Jace abrió los ojos. Sintió una punzada de dolor en la cabeza. Alzó la mano para tocarse el costado de la cara… y advirtió que ya no tenía las manos atadas a la espalda. Un pedazo de soga colgaba de la muñeca. La mano se apartó de la cara negra: sangre, oscura a la luz de la luna.
Miró a su alrededor. Ya no estaban en la cueva. Yacía sobre blanda tierra y hierba en el suelo del valle, no lejos de la casa de piedra. Podía oír el sonido del agua en el arroyo, a todas luces muy cerca. Nudosas ramas de árboles sobre su cabeza impedían el paso a parte de la luz de la luna, pero de todos modos había bastante iluminación.
—Levanta —dijo Sebastian—. Tienes cinco segundos antes de que te mate donde estás.
Jace se levantó tan despacio como consideró que podía sin que pareciera deliberado. Todavía estaba un poco aturdido. Intentando recuperar el equilibrio, clavó los tacones de las botas en la blanda tierra, procurando darse un poco de estabilidad.
—¿Por qué me has traído aquí fuera?
—Por dos motivos —respondió el otro—. Uno, porque me ha divertido dejarte sin sentido. Dos, porque no sería bueno para ninguno de nosotros que cayera sangre en el suelo de esa caverna. Confía en mí. Y tengo intención de derramar gran cantidad de tu sangre.
Jace se palpó el cinturón, y se le cayó el alma a los pies. O bien se había caído gran parte de las armas mientras Sebastian lo arrastraba por los túneles, o, lo que era más probable, Sebastian las había tirado. Todo lo que le quedaba era una daga. Era un cuchillo corto…, demasiado corto, que no era rival para la espada.
—Eso no es gran cosa como arma. —Sebastian sonrió burlón, blanco bajo la oscuridad iluminada por la luna.
—No puedo pelear con esto —dijo Jace, intentando sonar tan trémulo y nervioso como pudo.
—Qué lástima. —Sebastian se acercó más a él, sonriendo.
Sostenía la espada sin apretar, con teatral indiferencia, mientras las puntas de los dedos tamborileaban un suave ritmo en la empuñadura. Si alguna vez iba a existir una oportunidad para él, se dijo Jace, probablemente era ésa. Echó el brazo atrás y golpeó a Sebastian con todas sus fuerzas en la cara.
Crujió un hueso bajo sus nudillos. El golpe derribó a Sebastian al suelo cuán largo era. Resbaló hacia atrás sobre la tierra y la espada escapó de su mano. Jace la atrapó a la vez que corría al frente, y al cabo de un segundo estaba de pie junto a Sebastian, contemplándolo, espada en mano.

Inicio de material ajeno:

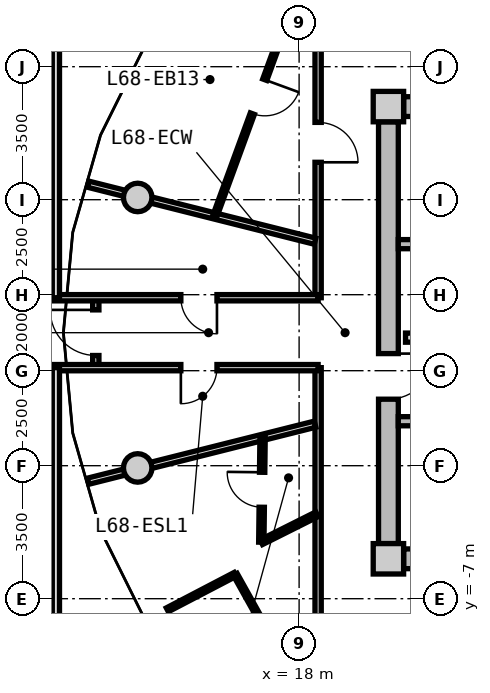
"""IFC4 building model, lengths in metres.
Left out: names, types, materials, properties, quantities, classifications, styles, units other than length and angle.
Written with IfcOpenShell. Run it as: python <this file> out.ifc"""

import sys

from ifc_helpers import new_model, si_unit, direction, frame, frame_2d, origin, origin_2d, place, context, subcontext, project, spatial, rectangle, circle, extrude, source, transform, mapped, element, fill, save


model = new_model("IFC4")
c1 = context("Model", 3, precision=1e-05, world=origin(), true_north=direction((0.0, 1.0)))
c2 = subcontext(c1, "Body", "Model", "MODEL_VIEW")
j1 = project(units=[si_unit("LENGTHUNIT", "METRE"), si_unit("PLANEANGLEUNIT", "RADIAN")], contexts=[c1])
p1 = place(None, origin())
s1 = spatial("IfcSite", under=j1, at=p1, CompositionType="ELEMENT")
p2 = place(p1, origin())
s2 = spatial("IfcBuilding", under=s1, at=p2, CompositionType="ELEMENT")
p3 = place(p2, frame((0.0, 0.0, 220.0)))
s3 = spatial("IfcBuildingStorey", under=s2, at=p3, CompositionType="ELEMENT", Elevation=220.0)
m1 = source(origin(), c2, "Body", "SweptSolid", [
    extrude(rectangle(XDim=0.8, YDim=0.8, at=origin_2d()), origin(), (0.0, 0.0, 1.0), 3.05),
])
for number, where, z_axis, x_axis in (
    (1, (20.35, -5.95, 0.0), (0.0, 0.0, 1.0), (1.0, 0.0, 0.0)),
    (2, (20.35, 5.95, 0.0), (0.0, 0.0, 1.0), (1.0, 0.0, 0.0)),
):
    element("IfcColumn", number, at=place(p3, frame(where, z_axis=z_axis, x_axis=x_axis)), inside=s3, PredefinedType="COLUMN", context=c2, shape_type="MappedRepresentation", body=[
        mapped(m1, transform((0.0, 0.0, 0.0), x_axis=(1.0, 0.0, 0.0), y_axis=(0.0, 1.0, 0.0), z_axis=(0.0, 0.0, 1.0), scale=1.0)),
    ])
m2 = source(origin(), c2, "Body", "SweptSolid", [
    extrude(rectangle(XDim=14.5, YDim=0.52, at=frame_2d((7.25, 0.0))), origin(), (0.0, 0.0, 1.0), 2.76),
])
for number, where, z_axis, x_axis in (
    (3, (20.75, 5.95, 0.0), (0.0, 0.0, 1.0), (1.0, 0.0, 0.0)),
    (4, (35.25, -5.95, 0.0), (0.0, 0.0, 1.0), (-1.0, 0.0, 0.0)),
):
    element("IfcWall", number, at=place(p3, frame(where, z_axis=z_axis, x_axis=x_axis)), inside=s3, PredefinedType="SHEAR", context=c2, shape_type="MappedRepresentation", body=[
        mapped(m2, transform((0.0, 0.0, 0.0), x_axis=(1.0, 0.0, 0.0), y_axis=(0.0, 1.0, 0.0), z_axis=(0.0, 0.0, 1.0), scale=1.0)),
    ])
m3 = source(origin(), c2, "Body", "SweptSolid", [
    extrude(rectangle(XDim=11.1, YDim=0.52, at=frame_2d((5.55, 0.0))), origin(), (0.0, 0.0, 1.0), 2.76),
])
p4 = place(p3, frame((20.35, -5.55, 0.0), z_axis=(0.0, 0.0, 1.0), x_axis=(0.0, 1.0, 0.0)))
e5 = element("IfcWall", 5, at=p4, inside=s3, PredefinedType="SHEAR", context=c2, shape_type="MappedRepresentation", body=[
    mapped(m3, transform((0.0, 0.0, 0.0), x_axis=(1.0, 0.0, 0.0), y_axis=(0.0, 1.0, 0.0), z_axis=(0.0, 0.0, 1.0), scale=1.0)),
])
p5 = place(p4, frame((3.8, 0.0, 0.0)))
e6 = element("IfcOpeningElement", 6, at=p5, cuts=e5, PredefinedType="OPENING", context=c2, shape_type="SweptSolid", body=[
    extrude(rectangle(XDim=1.2, YDim=2.15, at=frame_2d((0.6, 1.075))), frame((0.0, 0.27, 0.0), z_axis=(0.0, -1.0, 0.0), x_axis=(1.0, 0.0, 0.0)), (0.0, 0.0, 1.0), 0.54),
])
m4 = source(origin(), c2, "Body", "SweptSolid", [
    extrude(circle(Radius=0.375, at=origin_2d()), origin(), (0.0, 0.0, 1.0), 3.05),
])
for number, where, z_axis, x_axis in (
    (7, (13.753, 3.559, 0.0), (0.0, 0.0, 1.0), (1.0, 0.0, 0.0)),
    (8, (13.753, -3.559, 0.0), (0.0, 0.0, 1.0), (1.0, 0.0, 0.0)),
):
    element("IfcColumn", number, at=place(p3, frame(where, z_axis=z_axis, x_axis=x_axis)), inside=s3, PredefinedType="COLUMN", context=c2, shape_type="MappedRepresentation", body=[
        mapped(m4, transform((0.0, 0.0, 0.0), x_axis=(1.0, 0.0, 0.0), y_axis=(0.0, 1.0, 0.0), z_axis=(0.0, 0.0, 1.0), scale=1.0)),
    ])
m5 = source(origin(), c2, "Body", "SweptSolid", [
    extrude(rectangle(XDim=7.93, YDim=0.24, at=frame_2d((3.965, 0.0))), origin(), (0.0, 0.0, 1.0), 2.76),
])
p6 = place(p3, frame((20.61, 2.33, 0.0), z_axis=(0.0, 0.0, 1.0), x_axis=(1.0, 0.0, 0.0)))
e9 = element("IfcWall", 9, at=p6, inside=s3, PredefinedType="PARTITIONING", context=c2, shape_type="MappedRepresentation", body=[
    mapped(m5, transform((0.0, 0.0, 0.0), x_axis=(1.0, 0.0, 0.0), y_axis=(0.0, 1.0, 0.0), z_axis=(0.0, 0.0, 1.0), scale=1.0)),
])
p7 = place(p3, frame((20.61, -2.33, 0.0), z_axis=(0.0, 0.0, 1.0), x_axis=(1.0, 0.0, 0.0)))
e10 = element("IfcWall", 10, at=p7, inside=s3, PredefinedType="PARTITIONING", context=c2, shape_type="MappedRepresentation", body=[
    mapped(m5, transform((0.0, 0.0, 0.0), x_axis=(1.0, 0.0, 0.0), y_axis=(0.0, 1.0, 0.0), z_axis=(0.0, 0.0, 1.0), scale=1.0)),
])
p8 = place(p7, frame((1.05, 0.0, 0.0)))
e11 = element("IfcOpeningElement", 11, at=p8, cuts=e10, PredefinedType="OPENING", context=c2, shape_type="SweptSolid", body=[
    extrude(rectangle(XDim=1.1, YDim=2.15, at=frame_2d((0.55, 1.075))), frame((0.0, 0.13, 0.0), z_axis=(0.0, -1.0, 0.0), x_axis=(1.0, 0.0, 0.0)), (0.0, 0.0, 1.0), 0.26),
])
m6 = source(origin(), c2, "Body", "SweptSolid", [
    extrude(rectangle(XDim=7.62, YDim=0.24, at=frame_2d((3.81, 0.0))), origin(), (0.0, 0.0, 1.0), 2.745),
])
p9 = place(p3, frame((20.8, -0.13, 0.0), z_axis=(0.0, 0.0, 1.0), x_axis=(1.0, 0.0, 0.0)))
e12 = element("IfcWall", 12, at=p9, inside=s3, PredefinedType="PARTITIONING", context=c2, shape_type="MappedRepresentation", body=[
    mapped(m6, transform((0.0, 0.0, 0.0), x_axis=(1.0, 0.0, 0.0), y_axis=(0.0, 1.0, 0.0), z_axis=(0.0, 0.0, 1.0), scale=1.0)),
])
p10 = place(p9, frame((6.22, 0.0, 0.0)))
e13 = element("IfcOpeningElement", 13, at=p10, cuts=e12, PredefinedType="OPENING", context=c2, shape_type="SweptSolid", body=[
    extrude(rectangle(XDim=1.0, YDim=2.1, at=frame_2d((0.5, 1.05))), frame((0.0, 0.13, 0.0), z_axis=(0.0, -1.0, 0.0), x_axis=(1.0, 0.0, 0.0)), (0.0, 0.0, 1.0), 0.26),
])
p11 = place(p9, frame((2.4, 0.0, 0.0)))
e14 = element("IfcOpeningElement", 14, at=p11, cuts=e12, PredefinedType="OPENING", context=c2, shape_type="SweptSolid", body=[
    extrude(rectangle(XDim=1.0, YDim=2.1, at=frame_2d((0.5, 1.05))), frame((0.0, 0.13, 0.0), z_axis=(0.0, -1.0, 0.0), x_axis=(1.0, 0.0, 0.0)), (0.0, 0.0, 1.0), 0.26),
])
m7 = source(origin(), c2, "Body", "SweptSolid", [
    extrude(rectangle(XDim=6.88, YDim=0.165, at=frame_2d((3.44, 0.0))), origin(), (0.0, 0.0, 1.0), 2.745),
])
p12 = place(p3, frame((18.5, -7.8, 0.0), z_axis=(0.0, 0.0, 1.0), x_axis=(0.0, 1.0, 0.0)))
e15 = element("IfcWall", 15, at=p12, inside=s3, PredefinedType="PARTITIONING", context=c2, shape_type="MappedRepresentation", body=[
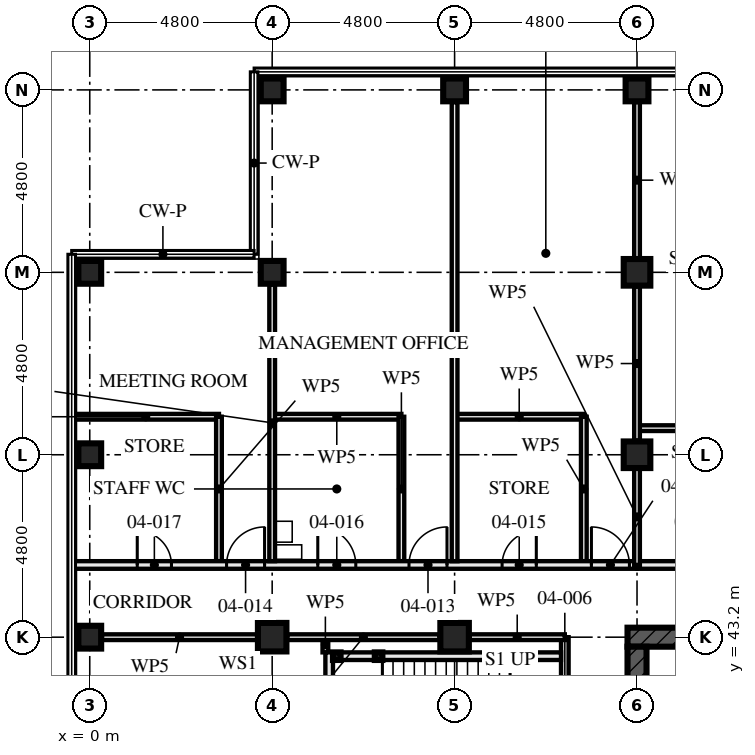
"""IFC4 building model, lengths in metres.
Left out: names, types, materials, properties, quantities, classifications, styles, units other than length and angle.
Written with IfcOpenShell. Run it as: python <this file> out.ifc"""

import sys

from ifc_helpers import new_model, si_unit, direction, frame, frame_2d, origin, origin_2d, place, context, subcontext, project, spatial, rectangle, hollow_rectangle, extrude, element, fill, save


model = new_model("IFC4")
c1 = context("Model", 3, precision=1e-05, world=origin(), true_north=direction((0.0, 1.0)))
c2 = subcontext(c1, "Body", "Model", "MODEL_VIEW")
j1 = project(units=[si_unit("LENGTHUNIT", "METRE"), si_unit("PLANEANGLEUNIT", "RADIAN")], contexts=[c1])
p1 = place(None, origin())
s1 = spatial("IfcSite", under=j1, at=p1, CompositionType="ELEMENT")
p2 = place(p1, origin())
s2 = spatial("IfcBuilding", under=s1, at=p2, CompositionType="ELEMENT")
p3 = place(p2, frame((0.0, 0.0, 18.0)))
s3 = spatial("IfcBuildingStorey", under=s2, at=p3, CompositionType="ELEMENT", Elevation=18.0)
for number, where, z_axis, x_axis in (
    (1, (0.0, 43.2, 0.0), (0.0, 0.0, 1.0), (0.0, 1.0, 0.0)),
    (2, (0.0, 48.0, 0.0), (0.0, 0.0, 1.0), (1.0, 0.0, 0.0)),
    (3, (0.0, 52.8, 0.0), (0.0, 0.0, 1.0), (0.0, 1.0, 0.0)),
):
    element("IfcColumn", number, at=place(p3, frame(where, z_axis=z_axis, x_axis=x_axis)), inside=s3, PredefinedType="COLUMN", context=c2, shape_type="SweptSolid", body=[
        extrude(hollow_rectangle(XDim=0.6, YDim=0.6, WallThickness=0.08, at=origin_2d()), origin(), (0.0, 0.0, 1.0), 4.5),
    ])
p4 = place(p3, frame((4.8, 43.2, 0.0), z_axis=(0.0, 0.0, 1.0), x_axis=(0.0, 1.0, 0.0)))
e4 = element("IfcColumn", 4, at=p4, inside=s3, PredefinedType="COLUMN", context=c2, shape_type="SweptSolid", body=[
    extrude(hollow_rectangle(XDim=0.75, YDim=0.75, WallThickness=0.08, at=origin_2d()), origin(), (0.0, 0.0, 1.0), 4.5),
])
for number, where, z_axis, x_axis in (
    (5, (4.8, 52.8, 0.0), (0.0, 0.0, 1.0), (0.0, 1.0, 0.0)),
    (6, (4.8, 57.6, 0.0), (0.0, 0.0, 1.0), (0.0, 1.0, 0.0)),
):
    element("IfcColumn", number, at=place(p3, frame(where, z_axis=z_axis, x_axis=x_axis)), inside=s3, PredefinedType="COLUMN", context=c2, shape_type="SweptSolid", body=[
        extrude(hollow_rectangle(XDim=0.6, YDim=0.6, WallThickness=0.08, at=origin_2d()), origin(), (0.0, 0.0, 1.0), 4.5),
    ])
p5 = place(p3, frame((9.6, 43.2, 0.0), z_axis=(0.0, 0.0, 1.0), x_axis=(0.0, 1.0, 0.0)))
e7 = element("IfcColumn", 7, at=p5, inside=s3, PredefinedType="COLUMN", context=c2, shape_type="SweptSolid", body=[
    extrude(hollow_rectangle(XDim=0.75, YDim=0.75, WallThickness=0.08, at=origin_2d()), origin(), (0.0, 0.0, 1.0), 4.5),
])
p6 = place(p3, frame((9.6, 57.6, 0.0), z_axis=(0.0, 0.0, 1.0), x_axis=(0.0, 1.0, 0.0)))
e8 = element("IfcColumn", 8, at=p6, inside=s3, PredefinedType="COLUMN", context=c2, shape_type="SweptSolid", body=[
    extrude(hollow_rectangle(XDim=0.6, YDim=0.6, WallThickness=0.08, at=origin_2d()), origin(), (0.0, 0.0, 1.0), 4.5),
])
for number, where, z_axis, x_axis in (
    (9, (14.4, 48.0, 0.0), (0.0, 0.0, 1.0), (1.0, 0.0, 0.0)),
    (10, (14.4, 52.8, 0.0), (0.0, 0.0, 1.0), (1.0, 0.0, 0.0)),
):
    element("IfcColumn", number, at=place(p3, frame(where, z_axis=z_axis, x_axis=x_axis)), inside=s3, PredefinedType="COLUMN", context=c2, shape_type="SweptSolid", body=[
        extrude(hollow_rectangle(XDim=0.7, YDim=0.7, WallThickness=0.06, at=origin_2d()), origin(), (0.0, 0.0, 1.0), 4.5),
    ])
p7 = place(p3, frame((14.4, 57.6, 0.0), z_axis=(0.0, 0.0, 1.0), x_axis=(0.0, 1.0, 0.0)))
e11 = element("IfcColumn", 11, at=p7, inside=s3, PredefinedType="COLUMN", context=c2, shape_type="SweptSolid", body=[
    extrude(hollow_rectangle(XDim=0.6, YDim=0.6, WallThickness=0.08, at=origin_2d()), origin(), (0.0, 0.0, 1.0), 4.5),
])
p8 = place(p3, frame((29.05, 43.2, -0.17), z_axis=(0.0, 0.0, 1.0), x_axis=(-1.0, 0.0, 0.0)))
e12 = element("IfcWall", 12, at=p8, inside=s3, PredefinedType="SHEAR", context=c2, shape_type="SweptSolid", body=[
    extrude(rectangle(XDim=14.9, YDim=0.5, at=frame_2d((7.45, 0.0))), origin(), (0.0, 0.0, 1.0), 4.5),
])
p9 = place(p8, frame((6.85, 0.0, 0.17)))
e13 = element("IfcOpeningElement", 13, at=p9, cuts=e12, PredefinedType="OPENING", context=c2, shape_type="SweptSolid", body=[
    extrude(rectangle(XDim=1.2, YDim=2.1, at=frame_2d((0.6, 1.05))), frame((0.0, 0.26, 0.0), z_axis=(0.0, -1.0, 0.0), x_axis=(1.0, 0.0, 0.0)), (0.0, 0.0, 1.0), 0.521),
])
p10 = place(p3, frame((14.4, 42.95, -0.17), z_axis=(0.0, 0.0, 1.0), x_axis=(0.0, -1.0, 0.0)))
e14 = element("IfcWall", 14, at=p10, inside=s3, PredefinedType="SHEAR", context=c2, shape_type="SweptSolid", body=[
    extrude(rectangle(XDim=13.9, YDim=0.5, at=frame_2d((6.95, 0.0))), origin(), (0.0, 0.0, 1.0), 4.5),
])
p11 = place(p10, frame((6.35, 0.0, 0.17)))
e15 = element("IfcOpeningElement", 15, at=p11, cuts=e14, PredefinedType="OPENING", context=c2, shape_type="SweptSolid", body=[
    extrude(rectangle(XDim=1.2, YDim=2.1, at=frame_2d((0.6, 1.05))), frame((0.0, 0.26, 0.0), z_axis=(0.0, -1.0, 0.0), x_axis=(1.0, 0.0, 0.0)), (0.0, 0.0, 1.0), 0.521),
])
for number, where, z_axis, x_axis in (
    (16, (6.5, 42.7, 0.0), (0.0, 0.0, 1.0), (1.0, 0.0, 0.0)),
    (17, (7.6, 42.7, 0.0), (0.0, 0.0, 1.0), (1.0, 0.0, 0.0)),
):
    element("IfcColumn", number, at=place(p3, frame(where, z_axis=z_axis, x_axis=x_axis)), inside=s3, PredefinedType="COLUMN", context=c2, shape_type="SweptSolid", body=[
        extrude(hollow_rectangle(XDim=0.2, YDim=0.2, WallThickness=0.008, at=origin_2d()), origin(), (0.0, 0.0, 1.0), 4.33),
    ])
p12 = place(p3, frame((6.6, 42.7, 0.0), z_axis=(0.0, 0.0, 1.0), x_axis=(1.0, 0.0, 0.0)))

La nariz de Sebastian sangraba; la sangre dibujaba un trazo escarlata sobre su rostro. Alzó la mano y apartó a un lado el cuello de la chaqueta para dejar al descubierto la garganta.
—Adelante —dijo—. Mátame ya.
Jace vaciló. No quería vacilar, pero ahí estaba: esa molesta renuncia a matar a nadie que yaciera indefenso en el suelo frente a él. Jace recordó a Valentine provocándolo, allá en Renwick, retando a su hijo a matarlo, y Jace no había podido hacerlo. Pero Sebastian era un asesino. Había matado a Max y a Hodge.
Alzó la espada.
Y Sebastian se levantó disparado del suelo más rápido que la vista. Pareció volar en el aire, efectuando un elegante salto mortal hacia atrás y aterrizando con gracia sobre la hierba apenas a treinta centímetros de distancia. Al hacerlo, lanzó una patada y golpeó la mano de Jace. La patada lanzó la espada por los aires, Sebastian la atrapó al vuelo, riendo, y lanzó un mandoble con ella, blandiéndola en dirección al corazón de Jace. Éste saltó atrás y la hoja hendió el aire justo en frente de él, haciendo un corte en la parte delantera de la camiseta. Jace sintió un dolor punzante y percibió como la sangre manaba de un tajo poco profundo sobre el pecho.
Sebastian rio por lo bajo mientras avanzaba hacia Jace, quien retrocedió, sacando a tientas la insuficiente daga del cinturón mientras lo hacía. Miró a su alrededor, confiando desesperadamente en que hubiese algo que pudiera usar como arma: un palo largo, cualquier cosa. No había nada a su alrededor salvo la hierba, el río que discurría a poca distancia, y los árboles en lo alto, extendiendo las gruesas ramas por encima de su cabeza como una red verde. De improviso recordó la Configuración Malachi en la que la Inquisidora lo había encerrado. Sebastian no era el único capaz de saltar.
Sebastian volvió a lanzar un mandoble hacia él, pero Jace ya había saltado… Se encontraba en el aire. La rama más baja estaba a unos seis metros de altura; la agarró, columpiándose hacia arriba y sobre ella. Arrodillándose sobre la rama, vio a Sebastian girar en redondo en el suelo y mirar hacia arriba. Jace arrojó la daga y oyó gritar a Sebastian. Jadeante, se irguió…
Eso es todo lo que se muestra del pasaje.